Я бросаю взгляд на диван, где оба, и Грегус, и Бонго, уснули, тесно прижавшись друг к другу перед экраном, осеняющим их светом вечерних новостей. Они насладились приятной частью телевизионного вечера и отгородились сном от всего того убожества, что льется на них теперь.
— Думаю, нам пора домой, — говорю я и иду на кухню заказать Дюссельдорфу пиццу.
Потом я бужу Бонго, осторожно вывожу его в сад, бережно выношу Грегуса и укладываю его Бонго на спину.
— Что ты делаешь на Рождество? — спрашивает Дюссельдорф, когда я возвращаюсь в дом поблагодарить и попрощаться.
— На Рождество я не делаю совершенно ничего, — говорю я.
— Тогда тебя, возможно, заинтересует скромный рождественский ужин у меня? — спрашивает Дюссельдорф.
— Возможно, — говорю я.
— Значит, договорились, — говорит Дюссельдорф и машет нам на прощание.
Прежним новозаветным манером мы возвращаемся в палатку. Я снимаю куртку, укрываю ею Грегуса и думаю, что, по-моему, я совсем неплохо справляюсь с ролью отца, несмотря на долгий перерыв. Я так думаю.

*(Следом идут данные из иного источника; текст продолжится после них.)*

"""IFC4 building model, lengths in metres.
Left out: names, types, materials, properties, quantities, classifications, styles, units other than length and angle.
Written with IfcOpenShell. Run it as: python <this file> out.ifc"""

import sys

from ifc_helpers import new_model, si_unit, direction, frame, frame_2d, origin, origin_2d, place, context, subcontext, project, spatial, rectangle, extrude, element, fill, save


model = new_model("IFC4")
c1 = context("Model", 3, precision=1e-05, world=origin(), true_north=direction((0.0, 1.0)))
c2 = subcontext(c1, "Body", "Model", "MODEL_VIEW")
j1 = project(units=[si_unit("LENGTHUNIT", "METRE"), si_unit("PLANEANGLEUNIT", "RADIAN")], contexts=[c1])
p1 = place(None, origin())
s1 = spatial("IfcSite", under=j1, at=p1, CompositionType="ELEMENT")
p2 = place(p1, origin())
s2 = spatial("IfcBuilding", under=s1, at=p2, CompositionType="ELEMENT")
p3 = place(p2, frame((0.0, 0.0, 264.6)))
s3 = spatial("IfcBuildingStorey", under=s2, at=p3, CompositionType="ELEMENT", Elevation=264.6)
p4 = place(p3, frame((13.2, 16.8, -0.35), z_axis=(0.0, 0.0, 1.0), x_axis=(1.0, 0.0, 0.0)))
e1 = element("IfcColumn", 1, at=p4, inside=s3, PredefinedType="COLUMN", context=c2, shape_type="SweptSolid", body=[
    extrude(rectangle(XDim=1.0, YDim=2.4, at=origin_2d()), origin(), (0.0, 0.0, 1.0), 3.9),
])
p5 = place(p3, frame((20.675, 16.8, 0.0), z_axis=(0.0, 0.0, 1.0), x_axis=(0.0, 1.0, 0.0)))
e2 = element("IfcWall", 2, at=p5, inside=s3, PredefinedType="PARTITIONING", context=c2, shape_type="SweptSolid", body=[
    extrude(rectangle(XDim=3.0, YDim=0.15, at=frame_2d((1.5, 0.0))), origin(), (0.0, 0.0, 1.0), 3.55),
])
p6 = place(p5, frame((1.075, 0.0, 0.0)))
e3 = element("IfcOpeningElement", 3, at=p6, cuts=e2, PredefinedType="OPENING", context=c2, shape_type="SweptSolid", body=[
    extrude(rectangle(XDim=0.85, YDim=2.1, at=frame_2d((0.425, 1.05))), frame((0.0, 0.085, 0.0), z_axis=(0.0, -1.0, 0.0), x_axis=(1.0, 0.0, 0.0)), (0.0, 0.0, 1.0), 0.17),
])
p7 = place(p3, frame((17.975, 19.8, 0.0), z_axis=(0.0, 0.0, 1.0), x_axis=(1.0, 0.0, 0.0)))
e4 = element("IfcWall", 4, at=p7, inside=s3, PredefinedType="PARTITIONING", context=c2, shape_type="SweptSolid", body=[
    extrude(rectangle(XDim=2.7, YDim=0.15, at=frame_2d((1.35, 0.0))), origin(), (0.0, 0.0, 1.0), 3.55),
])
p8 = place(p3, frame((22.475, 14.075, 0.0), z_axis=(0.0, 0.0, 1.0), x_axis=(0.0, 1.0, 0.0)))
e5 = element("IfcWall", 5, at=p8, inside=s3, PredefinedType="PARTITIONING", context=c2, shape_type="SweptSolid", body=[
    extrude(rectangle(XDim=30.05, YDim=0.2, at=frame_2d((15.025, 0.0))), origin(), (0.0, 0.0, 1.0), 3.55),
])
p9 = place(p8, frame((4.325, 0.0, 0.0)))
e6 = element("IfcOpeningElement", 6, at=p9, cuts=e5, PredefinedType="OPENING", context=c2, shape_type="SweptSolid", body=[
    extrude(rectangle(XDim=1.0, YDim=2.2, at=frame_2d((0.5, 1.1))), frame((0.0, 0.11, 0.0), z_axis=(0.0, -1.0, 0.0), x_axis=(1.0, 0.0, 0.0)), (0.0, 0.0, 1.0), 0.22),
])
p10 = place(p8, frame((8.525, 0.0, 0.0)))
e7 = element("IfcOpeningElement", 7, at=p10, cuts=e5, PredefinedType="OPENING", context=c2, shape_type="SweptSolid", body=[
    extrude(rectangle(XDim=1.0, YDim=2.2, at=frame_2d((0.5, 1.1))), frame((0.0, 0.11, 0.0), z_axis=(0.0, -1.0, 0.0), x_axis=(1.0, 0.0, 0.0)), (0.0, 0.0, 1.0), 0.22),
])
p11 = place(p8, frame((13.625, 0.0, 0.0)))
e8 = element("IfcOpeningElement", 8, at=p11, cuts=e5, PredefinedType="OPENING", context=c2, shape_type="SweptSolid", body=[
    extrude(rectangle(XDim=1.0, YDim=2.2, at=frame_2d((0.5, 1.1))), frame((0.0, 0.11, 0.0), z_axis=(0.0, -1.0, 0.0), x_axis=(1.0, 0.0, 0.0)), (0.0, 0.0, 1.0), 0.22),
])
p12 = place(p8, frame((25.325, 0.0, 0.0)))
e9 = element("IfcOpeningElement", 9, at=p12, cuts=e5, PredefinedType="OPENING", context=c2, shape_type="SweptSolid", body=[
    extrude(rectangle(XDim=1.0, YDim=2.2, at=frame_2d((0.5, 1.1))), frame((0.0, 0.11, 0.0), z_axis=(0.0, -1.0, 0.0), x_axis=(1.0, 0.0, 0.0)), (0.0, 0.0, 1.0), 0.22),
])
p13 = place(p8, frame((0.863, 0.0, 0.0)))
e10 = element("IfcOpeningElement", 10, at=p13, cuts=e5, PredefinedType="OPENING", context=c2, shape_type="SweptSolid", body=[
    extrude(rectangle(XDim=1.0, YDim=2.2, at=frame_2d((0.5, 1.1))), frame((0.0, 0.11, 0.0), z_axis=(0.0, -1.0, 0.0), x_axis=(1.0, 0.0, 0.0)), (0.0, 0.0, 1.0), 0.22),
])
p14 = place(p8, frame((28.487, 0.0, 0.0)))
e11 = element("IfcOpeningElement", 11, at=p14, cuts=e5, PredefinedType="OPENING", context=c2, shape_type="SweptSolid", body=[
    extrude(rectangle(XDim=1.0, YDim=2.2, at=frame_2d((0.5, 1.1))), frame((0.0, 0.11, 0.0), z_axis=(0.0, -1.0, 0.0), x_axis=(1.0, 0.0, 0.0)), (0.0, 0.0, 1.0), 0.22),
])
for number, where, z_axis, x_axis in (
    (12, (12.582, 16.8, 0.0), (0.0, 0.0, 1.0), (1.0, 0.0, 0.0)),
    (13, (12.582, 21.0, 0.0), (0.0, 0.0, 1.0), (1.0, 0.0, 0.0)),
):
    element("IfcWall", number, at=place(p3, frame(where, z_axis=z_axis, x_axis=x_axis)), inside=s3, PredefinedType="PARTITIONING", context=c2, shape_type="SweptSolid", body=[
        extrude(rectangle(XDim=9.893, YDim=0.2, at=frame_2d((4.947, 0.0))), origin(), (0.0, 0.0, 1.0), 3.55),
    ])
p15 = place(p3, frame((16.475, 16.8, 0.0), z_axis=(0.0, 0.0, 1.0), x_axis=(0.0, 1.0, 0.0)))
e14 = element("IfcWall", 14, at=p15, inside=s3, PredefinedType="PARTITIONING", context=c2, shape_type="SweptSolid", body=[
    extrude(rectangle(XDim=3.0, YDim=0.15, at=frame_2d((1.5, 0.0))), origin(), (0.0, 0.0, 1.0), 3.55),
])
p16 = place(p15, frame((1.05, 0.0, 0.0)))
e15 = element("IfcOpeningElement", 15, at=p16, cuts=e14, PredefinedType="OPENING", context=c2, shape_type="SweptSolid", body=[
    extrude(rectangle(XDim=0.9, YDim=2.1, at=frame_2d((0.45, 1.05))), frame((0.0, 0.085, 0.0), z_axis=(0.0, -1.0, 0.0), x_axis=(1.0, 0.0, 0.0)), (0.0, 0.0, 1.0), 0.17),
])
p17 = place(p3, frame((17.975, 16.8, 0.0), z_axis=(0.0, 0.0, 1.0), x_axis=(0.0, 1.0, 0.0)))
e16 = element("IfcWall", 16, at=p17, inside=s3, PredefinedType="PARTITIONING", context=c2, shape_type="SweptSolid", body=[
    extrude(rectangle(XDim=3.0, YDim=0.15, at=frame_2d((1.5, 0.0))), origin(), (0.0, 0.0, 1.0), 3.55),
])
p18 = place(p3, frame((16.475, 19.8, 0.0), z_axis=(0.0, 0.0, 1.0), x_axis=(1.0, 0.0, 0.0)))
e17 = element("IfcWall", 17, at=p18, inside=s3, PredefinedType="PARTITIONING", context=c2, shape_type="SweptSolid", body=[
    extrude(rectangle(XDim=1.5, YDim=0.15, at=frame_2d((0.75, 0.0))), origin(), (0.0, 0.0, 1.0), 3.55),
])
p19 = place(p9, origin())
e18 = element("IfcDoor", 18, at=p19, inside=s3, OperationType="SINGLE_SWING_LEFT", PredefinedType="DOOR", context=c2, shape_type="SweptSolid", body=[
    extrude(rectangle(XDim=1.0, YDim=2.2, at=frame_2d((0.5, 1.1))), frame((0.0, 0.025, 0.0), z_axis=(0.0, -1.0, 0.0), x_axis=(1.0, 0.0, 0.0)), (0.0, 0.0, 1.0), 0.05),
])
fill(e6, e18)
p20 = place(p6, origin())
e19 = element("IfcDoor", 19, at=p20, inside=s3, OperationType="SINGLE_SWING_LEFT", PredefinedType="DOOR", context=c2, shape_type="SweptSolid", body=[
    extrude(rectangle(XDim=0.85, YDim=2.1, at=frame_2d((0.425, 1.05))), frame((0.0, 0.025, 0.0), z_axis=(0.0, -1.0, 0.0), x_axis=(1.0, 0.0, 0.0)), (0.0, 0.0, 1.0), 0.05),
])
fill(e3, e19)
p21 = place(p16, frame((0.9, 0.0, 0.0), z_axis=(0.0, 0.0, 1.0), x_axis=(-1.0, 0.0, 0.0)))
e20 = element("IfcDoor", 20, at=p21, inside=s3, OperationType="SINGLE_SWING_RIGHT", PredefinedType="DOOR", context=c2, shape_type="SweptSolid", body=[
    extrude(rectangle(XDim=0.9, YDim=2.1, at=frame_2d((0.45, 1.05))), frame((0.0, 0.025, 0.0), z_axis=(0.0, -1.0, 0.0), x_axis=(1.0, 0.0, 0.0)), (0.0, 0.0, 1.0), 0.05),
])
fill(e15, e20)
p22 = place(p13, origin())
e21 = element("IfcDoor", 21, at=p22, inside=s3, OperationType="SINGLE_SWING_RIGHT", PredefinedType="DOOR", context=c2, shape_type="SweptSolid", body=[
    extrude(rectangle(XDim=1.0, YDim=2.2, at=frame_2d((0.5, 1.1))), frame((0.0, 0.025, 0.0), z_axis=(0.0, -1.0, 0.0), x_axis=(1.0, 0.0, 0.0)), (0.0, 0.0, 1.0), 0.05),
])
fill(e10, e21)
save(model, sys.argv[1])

Когда я на следующий день возвращаю Грегуса, Нора сует мне распечатку с сайта, носящего название «The Elvish Name Generator» [11]. Она ввела в компьютер мое имя, Андреас Допплер, и программа, воспользовавшись хитро-лукавой, зато безошибочной языковой логикой Толкиена, распознала, что на эльфийском меня зовут Valandil Towele.
Звучит, безусловно, совершенно по-эльфийски, я благодарю и уточняю, не хотела ли она сообщить мне нечто особенное тем, что иручила эту распечатку. Она мотает головой. Ей важно, чтоб я просто знал, говорит она. Помнил, что у меня есть эльфийское имя.
Ладно, соглашаюсь я. Буду помнить.
И я прощаюсь с Норой, Грегусом и женой, кстати говоря отлично съездившей в Рим. Она окунулась в классическую культуру и купила кой-какой одежды и мелочей, что, судя по ней, отчасти вернуло ей желание жить. Все-таки поразительно, какую силу имеет одежда и вещи вообще. Покупка чего-то в нужный момент может решить все дело. Благословенны пребудут вещи во веки веков. Жена сияет и щебечет, поэтому я ухожу вечером из дому к себе, почти не мучаясь угрызениями совести. Грегус хотел бы остаться со мной в лесу, насколько я понял. Еще чего! Лес мой, и мне надо жить здесь одному, затворником, если я собираюсь добиться того, о чем мечтаю, хотя о чем я мечтаю, сам не знаю.
— Ты мог бы иногда брать его на выходные, — заявляет моя жена.
— В лесу нет различия между буднями и выходными, — говорю я, — так что мой ответ — нет. Короче говоря, дудки!
— Я приведу его в палатку, — говорит жена.
— Получишь стрелу в горло, — отвечаю я. — Не обессудь.
Несколько дней я мучаюсь в поисках настроения. Праздную лодыря, сидя у костра: строгаю стрелы, обираю блох с Бонго, иногда пою ему, но вяло, все без настроения. То, что я побыл дома и забирал к себе Грегуса, сбило меня с панталыку. Я снова потерял душевный покой. И думаю о том, как далеко отошел от накатанной жизненной колеи, по которой двигался, пока лес не забрал меня к себе, если так можно выразиться. Звучит напыщенно, хотя по сути чистая правда. Я присутствовал во всех обычных для жителя Осло местах и делал всё как все, и вдруг — мне открылся лес, и он забрал меня к себе. Усыновил. И сделал это как нельзя более вовремя. Вижу я теперь. Все шло к тому, чтобы я стал мизантропом и форменным мучением для окружающих. Столичный город Осло не желал терпеть на своих улицах такую некачественную единицу. Я не излучал ни энергии, ни положительного настроя. Не был подарком судьбы ни для ближних, ни для сослуживцев, ни для моего более-менее широкого социального круга, ни для той экономической конструкции, в которую все вышеперечисленное встроено. Еще немного, и я стал бы для всех обузой, но меня выбраковали раньше. Природа так чертовски дальновидна, что выбраковала меня раньше, чем я успел нанести ей ущерб. Лично мне эта система упреждения внушает уважение. Тысячелетия развития природы и культуры отладили механизм, который таких, как я, просто выпалывает из рядов. Нас обезвреживают. Врагов человечества, которые вот-вот сорвут флер с иллюзии о братстве и осмысленности, отправляют прочь — одуматься в одиночестве. В море, например, или в горы, или под замок, или вот, как в моем случае — в лес. Лукавый способ наказать так, чтоб это отчасти казалось и наградой.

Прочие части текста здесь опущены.